Ductal carcinoma in situ (DCIS) is a non-invasive type of tumor that can sometimes progress to a more lethal form of breast cancer and represents about 25% of all breast cancer cases. Between 30% and 50% of DCIS patients may develop an invasive stage of cancer, yet identifying which tumors will progress is still a challenge due to unknown biomarkers. Current diagnostic practices include multiplexed staining or single-cell RNA sequencing to determine DCIS stages in tissue samples, but these methods are costly and not widely used. This has led to potential overtreatment of patients with DCIS. Now, a new artificial intelligence (AI) model can distinguish different stages of DCIS from inexpensive and readily available breast tissue images.

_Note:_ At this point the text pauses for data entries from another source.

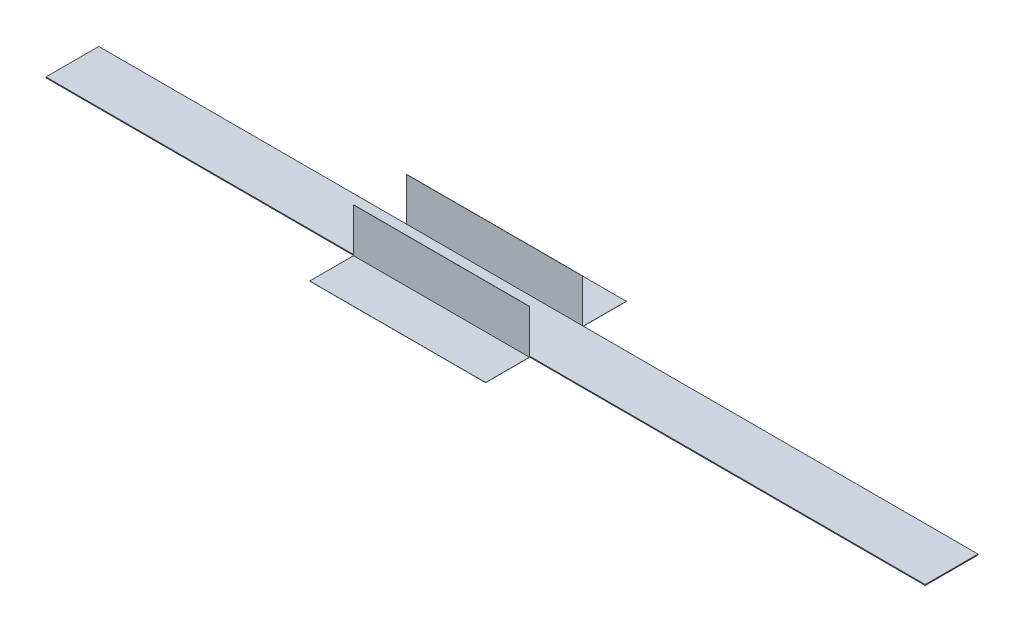
SolidWorks part; units mm, degrees
ref_plane "Front Plane" through (0, 0, 0) normal (0, 0, 1) x (1, 0, 0)
ref_plane "Top Plane" through (0, 0, 0) normal (0, 1, 0) x (1, 0, 0)
ref_plane "Right Plane" through (0, 0, 0) normal (1, 0, 0) x (0, 0, -1)
sketch "Sketch1" plane through (0, 0, 0) normal (0, 0, 1) x (1, 0, 0)
  line L0 (0, 0) -> (100, 0)
  dimension "D1" = 100
extrude "Extrude-Thin1" add sketch "Sketch1" along normal mid plane 6 thin thin type mid plane wall 0.1
sketch "Sketch2" plane through (0, -0.05, 0) normal (0, -1, 0) x (1, 0, 0)
  line L0 (0, 0) -> (63.5697, 0) construction
  line L1 (35, -8) -> (55, -8)
  line L2 (35, -8) -> (35, 8)
  line L3 (35, 8) -> (55, 8)
  line L4 (55, -8) -> (55, 8)
  line L5 (35, -8) -> (55, 8) construction
  line L6 (35, 8) -> (55, -8) construction
  line L8 (0, 3) -> (0, -3) construction
  point P0 (45, 0)
  dimension "D1" = 20
  dimension "D2" = 16
  dimension "D3" = 45
extrude "Boss-Extrude1" add sketch "Sketch2" along normal blind 0.02
sketch "Sketch3" plane through (0, -0.05, 0) normal (0, 1, 0) x (1, 0, 0)
  line L0 (55, 8) -> (55, 3) construction
  line L1 (35, 3) -> (55, 3)
  line L2 (35, 3) -> (35, 3.02)
  line L3 (35, 3.02) -> (55, 3.02)
  line L4 (55, 3) -> (55, 3.02)
  line L6 (0, 0) -> (67.9455, 0) construction
  line L7 (55, -3) -> (55, -3.02)
  line L8 (35, -3.02) -> (55, -3.02)
  line L9 (35, -3) -> (35, -3.02)
  line L10 (35, -3) -> (55, -3)
  dimension "D1" = 0.02
extrude "Boss-Extrude2" add sketch "Sketch3" along normal blind 5
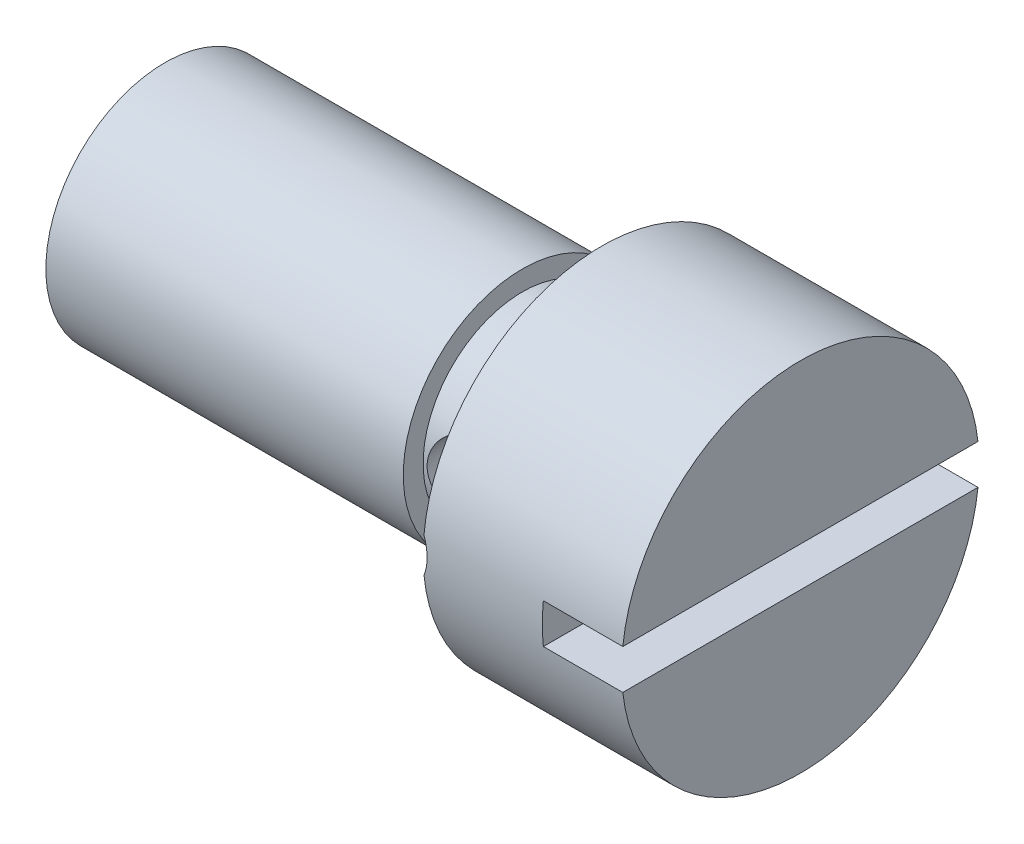
SolidWorks part; units mm, degrees
ref_plane "Front Plane" through (0, 0, 0) normal (0, 0, 1) x (1, 0, 0)
ref_plane "Top Plane" through (0, 0, 0) normal (0, 1, 0) x (1, 0, 0)
ref_plane "Right Plane" through (0, 0, 0) normal (1, 0, 0) x (0, 0, -1)
other "Configuration Table"
sketch "Sketch1" plane through (0, 0, 0) normal (1, 0, 0) x (0, 0, -1)
  circle A0 centre (0, 0) radius 3
  dimension "D1" = 6
extrude "Boss-Extrude1" add sketch "Sketch1" along normal blind 9
sketch "Sketch2" plane through (9, 0, 0) normal (1, 0, 0) x (0, 0, -1)
  circle A0 centre (0, 0) radius 2.5
  dimension "D1" = 5
extrude "Boss-Extrude2" add sketch "Sketch2" along normal blind 2
sketch "Sketch3" plane through (11, 0, 0) normal (1, 0, 0) x (0, 0, -1)
  circle A0 centre (0, 0) radius 4.5
  dimension "D1" = 9
extrude "Boss-Extrude3" add sketch "Sketch3" along normal blind 5
sketch "Sketch4" plane through (0, 0, 0) normal (-1, 0, 0) x (0, 0, 1)
  circle A0 centre (0, 0) radius 1
  dimension "D1" = 2
extrude "Cut-Extrude1" cut sketch "Sketch4" against normal blind 10.1 and the other way through all
sketch "Sketch6" plane through (0, 0, 0) normal (0, 0, 1) x (1, 0, 0)
  line L0 (10.1, 1) -> (10.1, -1) construction
  circle A0 centre (10.1, 0) radius 1
  dimension "D1" = 2
extrude "Cut-Extrude2" cut sketch "Sketch6" against normal through all both and the other way through all
sketch "Sketch7" plane through (0, 0, 0) normal (0, 0, 1) x (1, 0, 0)
  line L0 (16, -4.5) -> (16, 4.5) construction
  line L1 (14, 0.5) -> (18, 0.5)
  line L2 (14, 0.5) -> (14, -0.5)
  line L3 (14, -0.5) -> (18, -0.5)
  line L4 (18, 0.5) -> (18, -0.5)
  line L5 (14, 0.5) -> (18, -0.5) construction
  line L6 (14, -0.5) -> (18, 0.5) construction
  point P0 (16, 0)
  dimension "D1" = 1
  dimension "D2" = 4
extrude "Cut-Extrude3" cut sketch "Sketch7" against normal through all both and the other way through all

The model developed by an interdisciplinary team of researchers from MIT (Cambridge, MA, USA) and ETH Zurich (Zurich, Switzerland) was trained and tested using one of the largest datasets of its kind that built because such tissue images are so easy to obtain. This AI model could potentially streamline the diagnosis process for simpler DCIS cases, reducing reliance on labor-intensive methods and allowing clinicians to focus more on ambiguous cases. Previously, the team found that a low-cost imaging technique called chromatin staining could deliver insights comparable to those from high-cost single-cell RNA sequencing. They hypothesized that combining this staining method with a sophisticated machine-learning model could yield detailed cancer stage information at a lower cost.

They compiled a dataset of 560 tissue sample images from 122 patients across three disease stages to train their AI model. This model learns to represent the state of each cell within an image to determine the cancer's stage. Recognizing that not all cells indicate cancer presence, the team engineered the model to create clusters of cells with similar states, identifying eight distinct states critical for diagnosing DCIS. Some states suggest a higher likelihood of invasive cancer. However, they learnt that knowing the proportion of each cell state was insufficient; understanding how these cells are organized within the tissue was also crucial. The model was enhanced to assess both the proportion and spatial arrangement of cell states, thereby significantly improving its accuracy. When compared to traditional pathologist evaluations, the model showed high concordance in many cases. For less definitive cases, the model provided insights into tissue sample features, like cell organization, which could aid pathologists in their diagnostics. This model’s versatility suggests potential applications beyond breast cancer to other cancers and neurodegenerative diseases, areas the researchers are currently exploring.

“We took the first step in understanding that we should be looking at the spatial organization of cells when diagnosing DCIS, and now we have developed a technique that is scalable,” said MIT’s Caroline Uhler. “From here, we really need a prospective study. Working with a hospital and getting this all the way to the clinic will be an important step forward.”